American Modernism Comes to Moscow
Coldsters! Espionart is a wonderful, new blog that focuses on Cold War art. I’ve been following it for a few weeks now and have been blown away by how well curated it is and how just damned interesting it is. Really a professional job – and that’s kind of rare in the blogosphere. So, don your dark sunglasses and trench coat, sit down on a park bench – and while you’re waiting for your contact to come and ask you about the weather in Madrid, scroll through some Espionart.
Several weeks after the Soviet Exhibition opened in New York, the reciprocal American Exhibition opened at Moscow’s Sokolniki Park on 25 July 1959. The art on display was in stark contrast to the heroic socialist realist paintings and sculptures shown in New York.
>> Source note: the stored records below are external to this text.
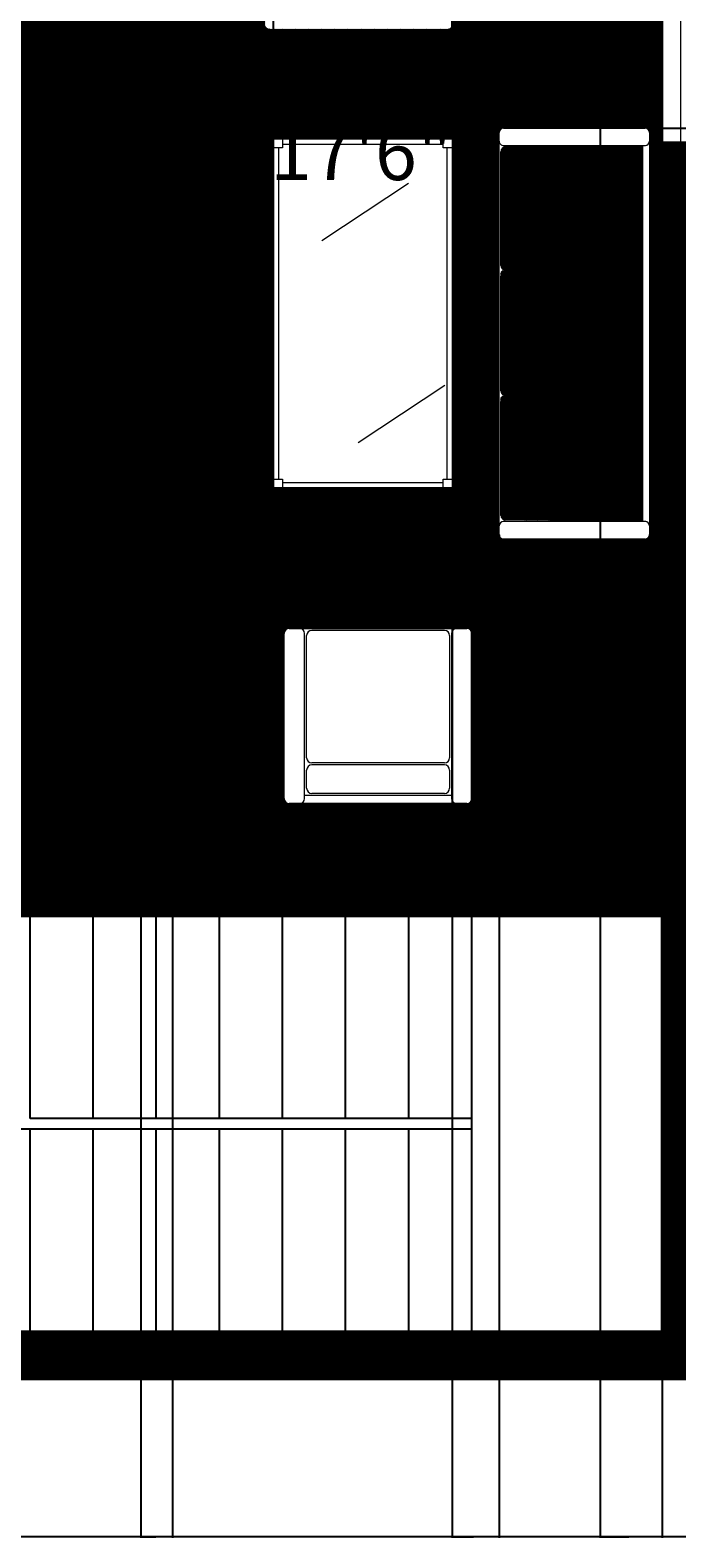
# Model space of a CAD drawing. Units: inches. Extents: x 205 to 1667, y -23 to 828.
# Tile 4 of 10: x 645 to 768, y -23 to 264. Entities that reach past the tile are written whole.
import ezdxf

# ---------------------------------------------------------------- set-up
doc = ezdxf.new("R2010")
doc.units = ezdxf.units.IN
doc.header["$MEASUREMENT"] = 0
for name, color, linetype, lineweight in [('A-ANNO-DIMS', 2, 'Continuous', 18), ('A-AREA-IDEN', 7, 'Continuous', 25), ('A-FLOR-STRS', 7, 'Continuous', 25), ('A-FURN', 8, 'Continuous', 18), ('A-GLAZ', 4, 'Continuous', 18), ('A-WALL', 7, 'Continuous', 35)]:
    doc.layers.add(name, color=color, linetype=linetype, lineweight=lineweight)
doc.layers.add('A-FLOR-PATT', color=9, linetype='Continuous', lineweight=9, true_color=0xc7c8ca)
doc.styles.get("Standard").update_dxf_attribs({"font": 'arial.ttf'})
doc.dimstyles.get("Standard").update_dxf_attribs({"dimtxt": 0.18, "dimasz": 0.18, "dimexe": 0.18, "dimexo": 0.0625, "dimgap": 0.09, "dimtad": 0, "dimtih": 1, "dimtoh": 1, "dimdec": 4, "dimzin": 0, "dimdsep": 46, "dimtxsty": 'Standard', "dimcen": 0.09, "dimadec": 0, "dimazin": 0, "dimtfac": 1, "dimtdec": 4, "dimtofl": 0, "dimtmove": 0, "dimatfit": 3, "dimfxl": 1, "dimtolj": 1, "dimtzin": 0, "dimarcsym": 0})

# ---------------------------------------------------------------- blocks, each defined once
blk = doc.blocks.new('A$C0BA509B0')
for p, q in [((0, 0.025), (0, 0.835)), ((0.025, 0.86), (2.325, 0.86)), ((0.1, 0.0219), (0.1, 0.8375)), ((0.1, 0.82), (2.25, 0.82)), ((0.11, 0.695), (0.11, 0.785)), ((0.135, 0.81), (0.7866, 0.81)), ((0.8116, 0.785), (0.8116, 0.695)), ((0.8216, 0.785), (0.8216, 0.695)), ((0.8466, 0.81), (1.5033, 0.81)), ((1.5283, 0.785), (1.5283, 0.695)), ((1.5383, 0.785), (1.5383, 0.695)), ((1.5633, 0.81), (2.215, 0.81)), ((2.24, 0.785), (2.24, 0.695)), ((2.25, 0.8385), (2.25, 0.0224)), ((2.35, 0.835), (2.35, 0.025)), ((0.11, 0.035), (0.11, 0.635)), ((0.135, 0.67), (0.7866, 0.67)), ((0.135, 0.66), (0.7866, 0.66)), ((0.8116, 0.635), (0.8116, 0.035)), ((0.8216, 0.635), (0.8216, 0.035)), ((0.8466, 0.67), (1.5033, 0.67)), ((0.8466, 0.66), (1.5033, 0.66)), ((1.5283, 0.635), (1.5283, 0.035)), ((1.5383, 0.635), (1.5383, 0.035)), ((1.5633, 0.67), (2.215, 0.67)), ((1.5633, 0.66), (2.215, 0.66)), ((2.24, 0.635), (2.24, 0.035)), ((0.7866, 0.01), (0.135, 0.01)), ((1.5033, 0.01), (0.8466, 0.01)), ((2.215, 0.01), (1.5633, 0.01)), ((2.325, 0), (0.025, 0))]:
    blk.add_line(p, q)
for centre, start, end in [((0.025, 0.835), 90, 180), ((0.0751, 0.835), 0, 90), ((0.135, 0.785), 90, 180), ((0.7866, 0.785), 0, 90), ((0.8466, 0.785), 90, 180), ((1.5033, 0.785), 0, 90), ((1.5633, 0.785), 90, 180), ((2.215, 0.785), 0, 90), ((2.2752, 0.835), 90, 180), ((2.325, 0.835), 0, 90), ((0.135, 0.695), 180, 270), ((0.7866, 0.695), 270, 0), ((0.8466, 0.695), 180, 270), ((1.5033, 0.695), 270, 0), ((1.5633, 0.695), 180, 270), ((2.215, 0.695), 270, 0), ((0.135, 0.635), 90, 180), ((0.7866, 0.635), 0, 90), ((0.8466, 0.635), 90, 180), ((1.5033, 0.635), 0, 90), ((1.5633, 0.635), 90, 180), ((2.215, 0.635), 0, 90), ((0.025, 0.025), 180, 270), ((0.0751, 0.025), 270, 0), ((0.135, 0.035), 180, 270), ((0.7866, 0.035), 270, 0), ((0.8466, 0.035), 180, 270), ((1.5033, 0.035), 270, 0), ((1.5633, 0.035), 180, 270), ((2.215, 0.035), 270, 0), ((2.2749, 0.025), 180, 270), ((2.325, 0.025), 270, 0)]:
    blk.add_arc(centre, 0.025, start, end)
blk = doc.blocks.new('WIN-48IN')
for p, q in [((0, 0), (0, 9)), ((0, 9), (48, 9)), ((48, 9), (48, 0)), ((48, 5.5), (0, 5.5)), ((48, 3.5), (0, 3.5)), ((48, 0), (0, 0))]:
    blk.add_line(p, q)
blk = doc.blocks.new('CHAIR-LOUNGE')
for p, q in [((0, 0.97), (0, 32.36)), ((0.97, 33.33), (34.75, 33.33)), ((3.88, 0.83), (3.88, 32.46)), ((4.26, 8.72), (4.26, 31.94)), ((30.48, 32.94), (5.26, 32.94)), ((31.45, 31.97), (31.45, 8.72)), ((31.84, 32.48), (31.84, 0.87)), ((35.71, 32.36), (35.71, 0.97)), ((4.26, 2.91), (4.26, 6.39)), ((30.48, 7.75), (5.23, 7.75)), ((30.48, 7.36), (5.23, 7.36)), ((31.45, 6.39), (31.45, 2.91)), ((31.84, 1.55), (3.88, 1.55)), ((30.48, 1.94), (5.23, 1.94)), ((34.75, 0), (0.97, 0))]:
    blk.add_line(p, q)
for centre, radius, start, end in [((0.97, 32.36), 0.969, 90, 180), ((2.91, 32.36), 0.969, 0, 90), ((5.26, 31.94), 1, 90, 180), ((5.23, 31.97), 0.969, 169.6161, 180), ((30.48, 31.97), 0.969, 0, 90), ((32.8, 32.36), 0.969, 90, 180), ((34.75, 32.36), 0.969, 0, 90), ((5.23, 8.72), 0.969, 180, 270), ((30.48, 8.72), 0.969, 270, 0), ((5.23, 6.39), 0.969, 90, 180), ((30.48, 6.39), 0.969, 0, 90), ((5.23, 2.91), 0.969, 180, 270), ((30.48, 2.91), 0.969, 270, 0), ((0.97, 0.97), 0.969, 180, 270), ((2.9, 0.97), 0.969, 270, 0), ((32.8, 0.97), 0.969, 180, 270), ((34.75, 0.97), 0.969, 270, 0)]:
    blk.add_arc(centre, radius, start, end)
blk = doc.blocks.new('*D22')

Although American realism was represented in works by celebrated artists such as Andrew Wyeth, Thomas Hart Benton, John Steuart Curry and Edward Hopper, among the 67 artists featured were a significant number of modernists, including Alexander Calder, Jackson Pollock, Arshile Gorky and Mark Rothko.
The art exhibition caused controversy back home in the United States, as the organisers were castigated for including artists with apparent links to Communism. In Moscow, the work also garnered a mixed reception by Soviet audiences, while Soviet Premier Nikita Khrushchev responded with characteristic delicacy by commenting that ‘it looks to me like a little boy pissed on the canvas‘.